13. A diesel fired Steam Generator is used to provide the steam for the heat exchanger and is a zone 2 unit. A zone I unit is also available, which can be tied into the ESD system to shut down in the event of an activation of the ESD system.

14. From the heater 3" fig. 602 5,000 psig Temporary Flowline is used to convey the heated fluid to the separator inlet. The pipework is fitted with 602 Weco connections with CO2 resistant elastomeric seals (Anson Superseals). A Relief Valve may be used to protect this leg of the process line in the event that a blockage occurs downstream, while flowing on Separator bypass.

15. At this point the surface equipment layout reverts to a normal 10K set-up, however careful consideration is given to the placing of Hi-Lo Pilots and shutdown valves so that the reaction times for the ESD System are as short as possible.

1.8

FOAMING OIL WELL TESTING

1. When the pressure is reduced on certain types of crude oils, foam (or froth) can be caused by the liberation of a large amount of micro bubbles in the oil as the gas comes out of solution, where these bubbles are encased in a thin film of oil. In other types of crude oil the viscosity and surface tension of the oil may mechanically lock gas in the oil and cause an effect similar to foam.

2. Where possible, sufficient information should have been made available from the operating company to allow for identification of a foaming problem before equipment mobilisation. This would allow equipment to be selected that best suits the needs of a foaming oil well and for chemical additives etc. to be chosen to help "break" the foam. However, it is essential that a close monitoring of well effluent behaviour, through the collection of samples, is carried out during the initial clean-up period of crude oil wells in order to ensure that there will be no problems with foaming oil during a test.

Presence of foam during a Well Test, if not treated can cause the following:- a) Prevent good separation and reduce separator capacity. b) Disrupt liquid and gas metering.

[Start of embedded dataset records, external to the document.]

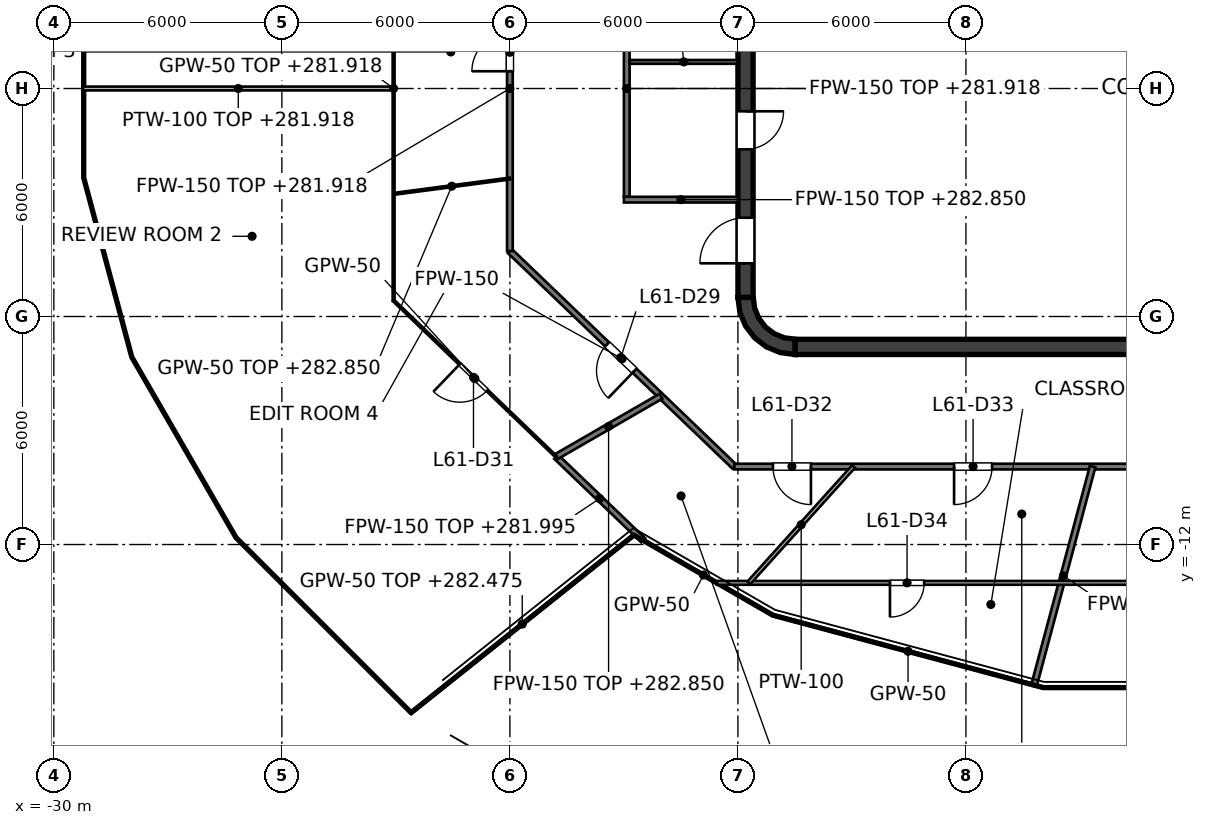
"""IFC4 building model, lengths in metres.
Left out: names, types, materials, properties, quantities, classifications, styles, units other than length and angle.
Written with IfcOpenShell. Run it as: python <this file> out.ifc"""

import sys

from ifc_helpers import new_model, si_unit, direction, frame, frame_2d, origin, place, context, subcontext, project, spatial, polyline, rectangle, outline, extrude, element, fill, save


model = new_model("IFC4")
c1 = context("Model", 3, precision=1e-05, world=origin(), true_north=direction((0.0, 1.0)))
c2 = subcontext(c1, "Body", "Model", "MODEL_VIEW")
j1 = project(units=[si_unit("LENGTHUNIT", "METRE"), si_unit("PLANEANGLEUNIT", "RADIAN")], contexts=[c1])
p1 = place(None, origin())
s1 = spatial("IfcSite", under=j1, at=p1, CompositionType="ELEMENT")
p2 = place(p1, origin())
s2 = spatial("IfcBuilding", under=s1, at=p2, CompositionType="ELEMENT")
p3 = place(p2, frame((0.0, 0.0, 279.0)))
s3 = spatial("IfcBuildingStorey", under=s2, at=p3, CompositionType="ELEMENT", Elevation=279.0)
p4 = place(p3, frame((-10.5, -6.8, 0.0), z_axis=(0.0, 0.0, 1.0), x_axis=(1.0, 0.0, 0.0)))
e1 = element("IfcWall", 1, at=p4, inside=s3, PredefinedType="SHEAR", context=c2, shape_type="SweptSolid", body=[
    extrude(rectangle(XDim=21.0, YDim=0.4, at=frame_2d((10.5, 0.0))), origin(), (0.0, 0.0, 1.0), 4.0),
])
p5 = place(p3, frame((-11.8, -5.5, 0.0), z_axis=(0.0, 0.0, 1.0), x_axis=(0.0, 1.0, 0.0)))
e2 = element("IfcWall", 2, at=p5, inside=s3, PredefinedType="SHEAR", context=c2, shape_type="SweptSolid", body=[
    extrude(rectangle(XDim=11.0, YDim=0.4, at=frame_2d((5.5, 0.0))), origin(), (0.0, 0.0, 1.0), 4.0),
])
p6 = place(p5, frame((3.9, 0.0, 0.0)))
e3 = element("IfcOpeningElement", 3, at=p6, cuts=e2, PredefinedType="OPENING", context=c2, shape_type="SweptSolid", body=[
    extrude(rectangle(XDim=1.0, YDim=2.1, at=frame_2d((0.5, 1.05))), frame((0.0, 0.2, 0.0), z_axis=(0.0, -1.0, 0.0), x_axis=(1.0, 0.0, 0.0)), (0.0, 0.0, 1.0), 0.4),
])
p7 = place(p5, frame((6.8, 0.0, 0.0)))
e4 = element("IfcOpeningElement", 4, at=p7, cuts=e2, PredefinedType="OPENING", context=c2, shape_type="SweptSolid", body=[
    extrude(rectangle(XDim=1.0, YDim=2.1, at=frame_2d((0.5, 1.05))), frame((0.0, 0.2, 0.0), z_axis=(0.0, -1.0, 0.0), x_axis=(1.0, 0.0, 0.0)), (0.0, 0.0, 1.0), 0.4),
])
p8 = place(p5, frame((0.9, 0.0, 0.0)))
e5 = element("IfcOpeningElement", 5, at=p8, cuts=e2, PredefinedType="OPENING", context=c2, shape_type="SweptSolid", body=[
    extrude(rectangle(XDim=1.2, YDim=2.1, at=frame_2d((0.6, 1.05))), frame((0.0, 0.2, 0.0), z_axis=(0.0, -1.0, 0.0), x_axis=(1.0, 0.0, 0.0)), (0.0, 0.0, 1.0), 0.4),
])
p9 = place(p5, frame((8.9, 0.0, 0.0)))
e6 = element("IfcOpeningElement", 6, at=p9, cuts=e2, PredefinedType="OPENING", context=c2, shape_type="SweptSolid", body=[
    extrude(rectangle(XDim=1.2, YDim=2.1, at=frame_2d((0.6, 1.05))), frame((0.0, 0.2, 0.0), z_axis=(0.0, -1.0, 0.0), x_axis=(1.0, 0.0, 0.0)), (0.0, 0.0, 1.0), 0.4),
])
p10 = place(p3, origin())
e7 = element("IfcWall", 7, at=p10, inside=s3, PredefinedType="SHEAR", context=c2, shape_type="SweptSolid", body=[
    extrude(outline(polyline([(-10.5, -7.0), (-10.5, -6.596), (-10.784, -6.559), (-11.048, -6.45), (-11.275, -6.275), (-11.45, -6.048), (-11.559, -5.784), (-11.596, -5.5), (-12.0, -5.5), (-11.949, -5.888), (-11.799, -6.25), (-11.561, -6.561), (-11.25, -6.799), (-10.888, -6.949), (-10.5, -7.0)])), origin(), (0.0, 0.0, 1.0), 4.0),
])
p11 = place(p3, frame((-9.0, -6.6, 0.0), z_axis=(0.0, 0.0, 1.0), x_axis=(0.0, 1.0, 0.0)))
e8 = element("IfcWall", 8, at=p11, inside=s3, PredefinedType="PARTITIONING", context=c2, shape_type="SweptSolid", body=[
    extrude(rectangle(XDim=2.5, YDim=0.25, at=frame_2d((1.25, 0.0))), origin(), (0.0, 0.0, 1.0), 3.85),
])
p12 = place(p11, frame((0.75, 0.0, 0.0)))
e9 = element("IfcOpeningElement", 9, at=p12, cuts=e8, PredefinedType="OPENING", context=c2, shape_type="SweptSolid", body=[
    extrude(rectangle(XDim=1.0, YDim=2.1, at=frame_2d((0.5, 1.05))), frame((0.0, 0.125, 0.0), z_axis=(0.0, -1.0, 0.0), x_axis=(1.0, 0.0, 0.0)), (0.0, 0.0, 1.0), 0.25),
])
p13 = place(p3, frame((-2.9, -6.6, 0.0), z_axis=(0.0, 0.0, 1.0), x_axis=(0.0, 1.0, 0.0)))
e10 = element("IfcWall", 10, at=p13, inside=s3, PredefinedType="PARTITIONING", context=c2, shape_type="SweptSolid", body=[
    extrude(rectangle(XDim=2.5, YDim=0.25, at=frame_2d((1.25, 0.0))), origin(), (0.0, 0.0, 1.0), 3.85),
])
p14 = place(p13, frame((0.8, 0.0, 0.0)))
e11 = element("IfcOpeningElement", 11, at=p14, cuts=e10, PredefinedType="OPENING", context=c2, shape_type="SweptSolid", body=[
    extrude(rectangle(XDim=0.9, YDim=2.1, at=frame_2d((0.45, 1.05))), frame((0.0, 0.125, 0.0), z_axis=(0.0, -1.0, 0.0), x_axis=(1.0, 0.0, 0.0)), (0.0, 0.0, 1.0), 0.25),
])
p15 = place(p3, frame((-9.125, -1.525, 0.0), z_axis=(0.0, 0.0, 1.0), x_axis=(1.0, 0.0, 0.0)))
e12 = element("IfcWall", 12, at=p15, inside=s3, PredefinedType="SOLIDWALL", context=c2, shape_type="SweptSolid", body=[
    extrude(rectangle(XDim=18.25, YDim=0.25, at=frame_2d((9.125, 0.0))), origin(), (0.0, 0.0, 1.0), 3.85),
])
p16 = place(p15, frame((7.15, 0.0, 0.0)))
e13 = element("IfcOpeningElement", 13, at=p16, cuts=e12, PredefinedType="OPENING", context=c2, shape_type="SweptSolid", body=[
    extrude(rectangle(XDim=1.2, YDim=2.1, at=frame_2d((0.6, 1.05))), frame((0.0, 0.125, 0.0), z_axis=(0.0, -1.0, 0.0), x_axis=(1.0, 0.0, 0.0)), (0.0, 0.0, 1.0), 0.25),
])
p17 = place(p15, frame((10.2, 0.0, 0.0)))
e14 = element("IfcOpeningElement", 14, at=p17, cuts=e12, PredefinedType="OPENING", context=c2, shape_type="SweptSolid", body=[
    extrude(rectangle(XDim=1.2, YDim=2.1, at=frame_2d((0.6, 1.05))), frame((0.0, 0.125, 0.0), z_axis=(0.0, -1.0, 0.0), x_axis=(1.0, 0.0, 0.0)), (0.0, 0.0, 1.0), 0.25),
])
p18 = place(p15, frame((16.075, 0.0, 0.0)))
e15 = element("IfcOpeningElement", 15, at=p18, cuts=e12, PredefinedType="OPENING", context=c2, shape_type="SweptSolid", body=[
    extrude(rectangle(XDim=1.0, YDim=2.1, at=frame_2d((0.5, 1.05))), frame((0.0, 0.125, 0.0), z_axis=(0.0, -1.0, 0.0), x_axis=(1.0, 0.0, 0.0)), (0.0, 0.0, 1.0), 0.25),
])
p19 = place(p3, frame((-9.125, -3.975, 0.0), z_axis=(0.0, 0.0, 1.0), x_axis=(1.0, 0.0, 0.0)))
e16 = element("IfcWall", 16, at=p19, inside=s3, PredefinedType="SOLIDWALL", context=c2, shape_type="SweptSolid", body=[
    extrude(rectangle(XDim=12.4, YDim=0.25, at=frame_2d((6.2, 0.0))), origin(), (0.0, 0.0, 1.0), 3.85),
])
p20 = place(p19, frame((1.05, 0.0, 0.0)))
e17 = element("IfcOpeningElement", 17, at=p20, cuts=e16, PredefinedType="OPENING", context=c2, shape_type="SweptSolid", body=[
    extrude(rectangle(XDim=1.2, YDim=2.1, at=frame_2d((0.6, 1.05))), frame((0.0, 0.125, 0.0), z_axis=(0.0, -1.0, 0.0), x_axis=(1.0, 0.0, 0.0)), (0.0, 0.0, 1.0), 0.25),
])
p21 = place(p19, frame((4.1, 0.0, 0.0)))
e18 = element("IfcOpeningElement", 18, at=p21, cuts=e16, PredefinedType="OPENING", context=c2, shape_type="SweptSolid", body=[
    extrude(rectangle(XDim=1.2, YDim=2.1, at=frame_2d((0.6, 1.05))), frame((0.0, 0.125, 0.0), z_axis=(0.0, -1.0, 0.0), x_axis=(1.0, 0.0, 0.0)), (0.0, 0.0, 1.0), 0.25),
])
for number, where, z_axis, x_axis in (
    (19, (-9.0, -3.85, 0.0), (0.0, 0.0, 1.0), (0.0, 1.0, 0.0)),
    (20, (-5.95, -3.85, 0.0), (0.0, 0.0, 1.0), (0.0, 1.0, 0.0)),
    (21, (-2.9, -3.85, 0.0), (0.0, 0.0, 1.0), (0.0, 1.0, 0.0)),
):
    element("IfcWall", number, at=place(p3, frame(where, z_axis=z_axis, x_axis=x_axis)), inside=s3, PredefinedType="SOLIDWALL", context=c2, shape_type="SweptSolid", body=[
        extrude(rectangle(XDim=2.2, YDim=0.25, at=frame_2d((1.1, 0.0))), origin(), (0.0, 0.0, 1.0), 3.85),
    ])
p22 = place(p3, frame((-14.925, -2.85, 0.0), z_axis=(0.0, 0.0, 1.0), x_axis=(0.0, 1.0, 0.0)))
e22 = element("IfcWall", 22, at=p22, inside=s3, PredefinedType="PARTITIONING", context=c2, shape_type="SweptSolid", body=[
    extrude(rectangle(XDim=5.7, YDim=0.15, at=frame_2d((2.85, 0.0))), origin(), (0.0, 0.0, 1.0), 2.918),
])
p23 = place(p3, frame((-15.0, -2.925, 0.0), z_axis=(0.0, 0.0, 1.0), x_axis=(1.0, 0.0, 0.0)))
e23 = element("IfcWall", 23, at=p23, inside=s3, PredefinedType="PARTITIONING", context=c2, shape_type="SweptSolid", body=[
    extrude(rectangle(XDim=3.0, YDim=0.15, at=frame_2d((1.5, 0.0))), origin(), (0.0, 0.0, 1.0), 3.85),
])
p24 = place(p3, frame((-14.85, 0.7, 0.0), z_axis=(0.0, 0.0, 1.0), x_axis=(1.0, 0.0, 0.0)))
e24 = element("IfcWall", 24, at=p24, inside=s3, PredefinedType="PARTITIONING", context=c2, shape_type="SweptSolid", body=[
    extrude(rectangle(XDim=2.85, YDim=0.1, at=frame_2d((1.425, 0.0))), origin(), (0.0, 0.0, 1.0), 3.85),
])
p25 = place(p3, frame((-16.783, -9.69, 0.0), z_axis=(0.0, 0.0, 1.0), x_axis=(0.721336622544, -0.692584635245, 0.0)))
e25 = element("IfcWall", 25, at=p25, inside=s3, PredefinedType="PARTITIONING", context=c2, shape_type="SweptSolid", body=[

c) Disrupt pumping operations. d) Cause potential burning problems.

The main factors that increase foam volume and cause problems are :- a) High pressure drops.

b) Pressure drops occurring at low pressures. c) High volumes of produced gases.

The main factors that assist in "breaking" foaming oil are :- a) Settling

b) Agitation

c) Heat

1.8

FOAMING OIL WELL TESTING

1.8.1 PROBLEMS IN HANDLING FOAMING OIL

The presence of foam during a well test, if not treated, can cause the following:- 1. Prevent good separation and reduce separator capacity.

2. Disrupt liquid and gas metering. 3. Disrupt pumping operations. 4. Cause potential burning problems.